Senator Obama has declared, and repeatedly reaffirmed his intention to meet the President of Iran without any preconditions, likening it to meetings between former American Presidents and the leaders of the Soviet Union. Such a statement betrays the depth of Senator Obama’s inexperience and reckless judgment. Those are very serious deficiencies for an American president to possess. An ill conceived meeting between the President of the United States and the President of Iran, and the massive world media coverage it would attract, would increase the prestige of an implacable foe of the United States, and reinforce his confidence that Iran’s dedication to acquiring nuclear weapons, supporting terrorists and destroying the State of Israel had succeeded in winning concessions from the most powerful nation on earth. And he is unlikely to abandon the dangerous ambitions that will have given him a prominent role on the world stage.

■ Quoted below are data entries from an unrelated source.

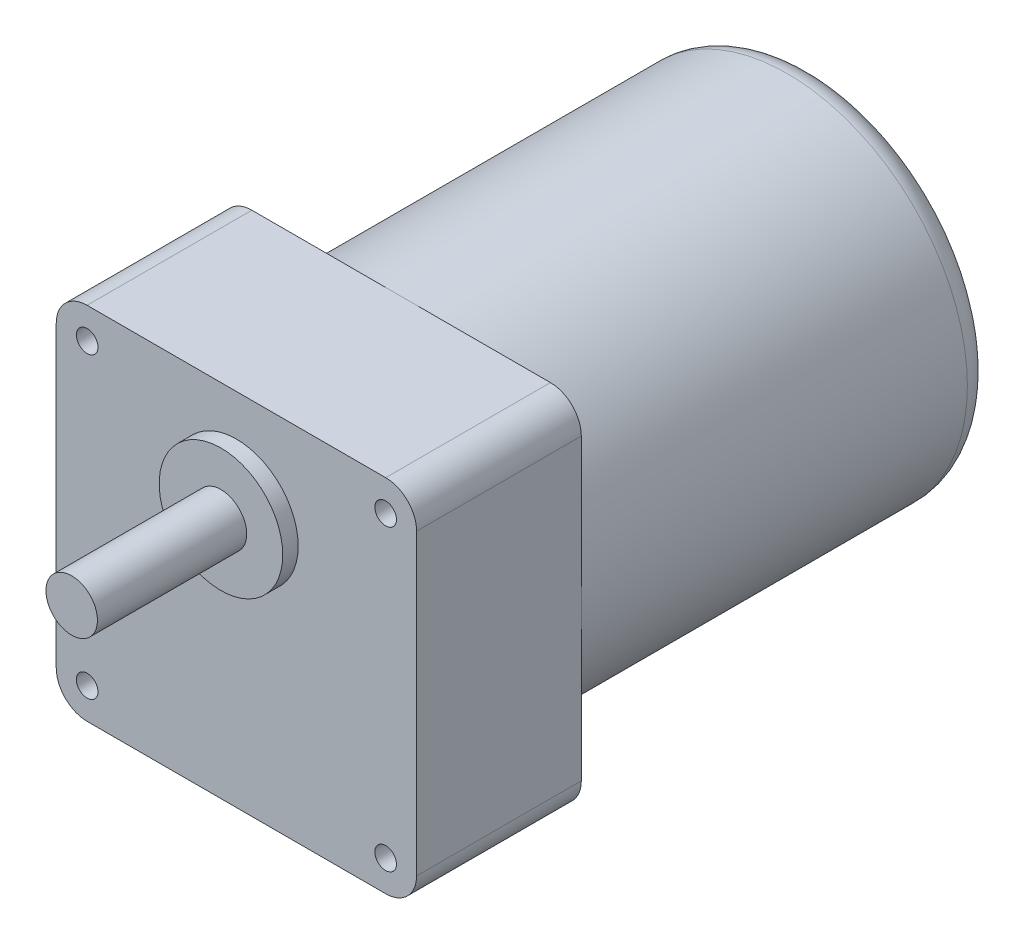
from build123d import *

# Parameters (mm, degrees)
SKETCH_1_W         = 70
SKETCH_1_H         = 70
EXTRUDE_1_DEPTH    = 32
SKETCH_2_R         = 35
EXTRUDE_2_DEPTH    = 80
FILLET_1_R         = 6
FILLET_2_R         = 5
SKETCH_3_R         = 5
EXTRUDE_3_DEPTH    = 32
HOLE_WIZARD_M5_1_D = 4.2
SKETCH_7_R         = 12
EXTRUDE_4_DEPTH    = 3


with BuildPart() as part:
    # 草图1 → 凸台-拉伸1 (new body)
    with BuildSketch(Plane.XY):
        Rectangle(SKETCH_1_W, SKETCH_1_H)
    extrude(amount=EXTRUDE_1_DEPTH)

    # 草图2 → 凸台-拉伸2 (add)
    with BuildSketch(Plane(origin=(0, 0, 0), x_dir=(-1, 0, 0), z_dir=(0, 0, -1))):
        Circle(SKETCH_2_R)
    extrude(amount=EXTRUDE_2_DEPTH)

    # 圆角1
    fillet_1_edges = [part.edges().sort_by_distance(p)[0] for p in [
        (35, -35, 16),
        (-35, -35, 16),
        (-35, 35, 16),
        (35, 35, 16),
    ]]
    fillet(fillet_1_edges, radius=FILLET_1_R)

    # 圆角2
    fillet_2_edges = [part.edges().sort_by_distance(p)[0] for p in [
        (35, 0, -80),
    ]]
    fillet(fillet_2_edges, radius=FILLET_2_R)

    # 草图3 → 凸台-拉伸3 (add)
    with BuildSketch(Plane.XY.offset(32)):
        with Locations((0, 15)):
            Circle(SKETCH_3_R)
    extrude(amount=EXTRUDE_3_DEPTH)

    # M5 螺纹孔1 (through all)
    with Locations(Plane.XY.offset(32)):
        with Locations((-28.991378029, 28.991378029), (-28.991378029, -28.991378029), (28.991378029, -28.991378029), (28.991378029, 28.991378029)):
            Hole(HOLE_WIZARD_M5_1_D / 2)

    # 草图7 → 凸台-拉伸4 (add)
    with BuildSketch(Plane.XY.offset(32)):
        with Locations((0, 15)):
            Circle(SKETCH_7_R)
    extrude(amount=EXTRUDE_4_DEPTH)


solid = part.part
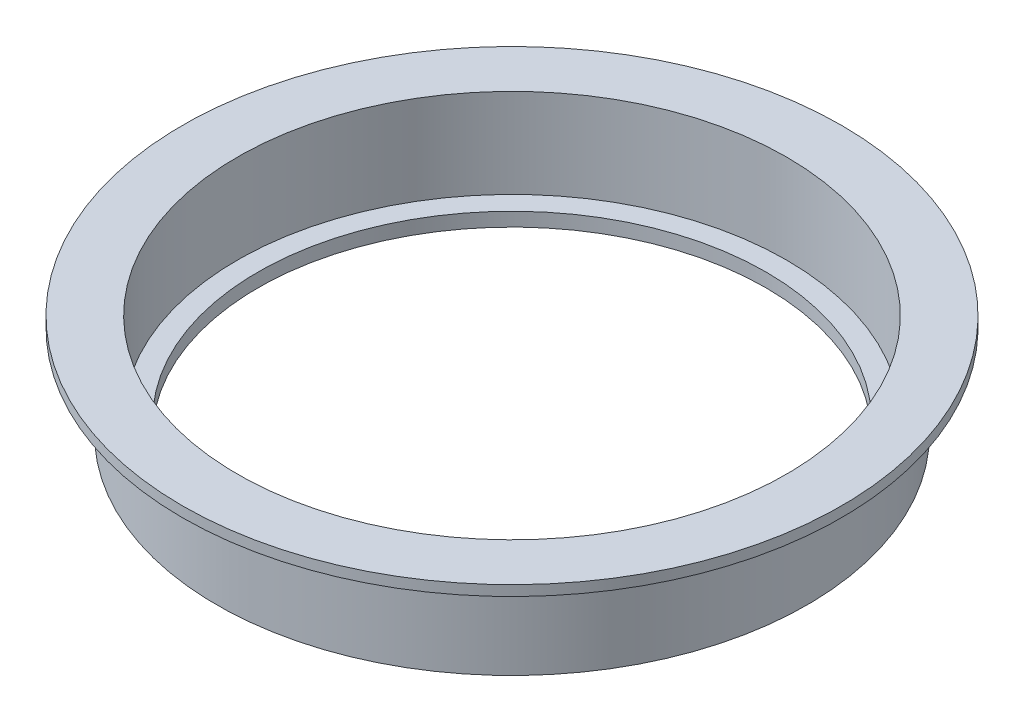
SolidWorks part; units mm, degrees
ref_plane "前视基准面" through (0, 0, 0) normal (0, 0, 1) x (1, 0, 0)
ref_plane "上视基准面" through (0, 0, 0) normal (0, 1, 0) x (1, 0, 0)
ref_plane "右视基准面" through (0, 0, 0) normal (1, 0, 0) x (0, 0, -1)
sketch "草图1" plane through (0, 0, 0) normal (0, 0, 1) x (1, 0, 0)
  line L0 (-37, 0) -> (-37, 2)
  line L1 (-37, 2) -> (-40, 2)
  line L2 (-40, 2) -> (-40, 15)
  line L3 (-40, 15) -> (-48, 15)
  line L4 (-48, 15) -> (-48, 13.5)
  line L5 (-48, 13.5) -> (-43, 13.5)
  line L6 (-43, 13.5) -> (-43, 0)
  line L7 (-43, 0) -> (-37, 0)
  line L8 (0, 0) -> (0, 18.7449) construction
  dimension "D1" = 74
  dimension "D2" = 43
  dimension "D3" = 80
  dimension "D4" = 15
  dimension "D5" = 1.5
  dimension "D6" = 2
  dimension "D7" = 8
revolve "旋转1" add sketch "草图1" angle 360 about L8
equation "\"图号代码1\"= \"图号代码\""
equation "\"名称代码2\"= \"名称代码\""
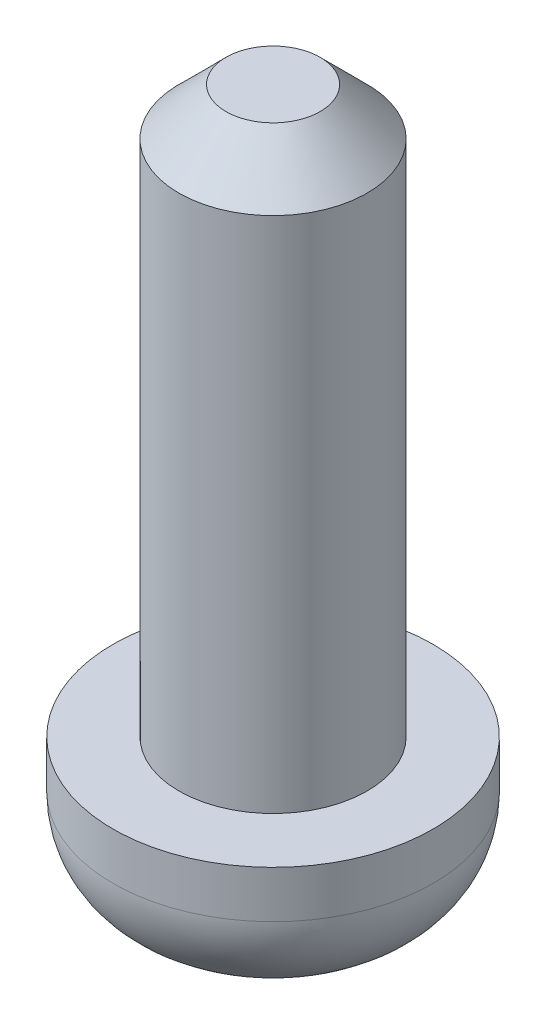
SolidWorks part; units mm, degrees
ref_plane "Front Plane" through (0, 0, 0) normal (0, 0, 1) x (1, 0, 0)
ref_plane "Top Plane" through (0, 0, 0) normal (0, 1, 0) x (1, 0, 0)
ref_plane "Right Plane" through (0, 0, 0) normal (1, 0, 0) x (0, 0, -1)
sketch "Sketch1" plane through (0, 0, 0) normal (0, 1, 0) x (1, 0, 0)
  circle A0 centre (0, 0) radius 1
  dimension "D1" = 2
extrude "Boss-Extrude1" add sketch "Sketch1" along normal blind 6
chamfer "Chamfer1" distance 0.5 angle 45 1 edges at (0, 6, 1)
sketch "Sketch2" plane through (0, 0, 0) normal (0, -1, 0) x (1, 0, 0)
  circle A0 centre (0, 0) radius 1.7
  dimension "D1" = 3.4
extrude "Boss-Extrude2" add sketch "Sketch2" along normal blind 1.5
fillet "Fillet1" radius 1 1 edges at (0, -1.5, -1.7)

This is not to suggest that the United States should not communicate with Iran our concerns about their behavior. Those communications have already occurred at an appropriate level, which the Iranians recently suspended. But a summit meeting with the President of the United States, which is what Senator Obama proposes, is the most prestigious card we have to play in international diplomacy. It is not a card to be played lightly. Summit meetings must be much more than personal get-acquainted sessions. They must be designed to advance American interests. An unconditional summit meeting with the next American president would confer both international legitimacy on the Iranian president and could strengthen him domestically when he is unpopular among the Iranian people. It is likely such a meeting would not only fail to persuade him to abandon Iran’s nuclear ambitions; its support of terrorists and commitment to Israel’s extinction, it could very well convince him that those policies are succeeding in strengthening his hold on power, and embolden him to continue his very dangerous behavior. The next President ought to understand such basic realities of international relations.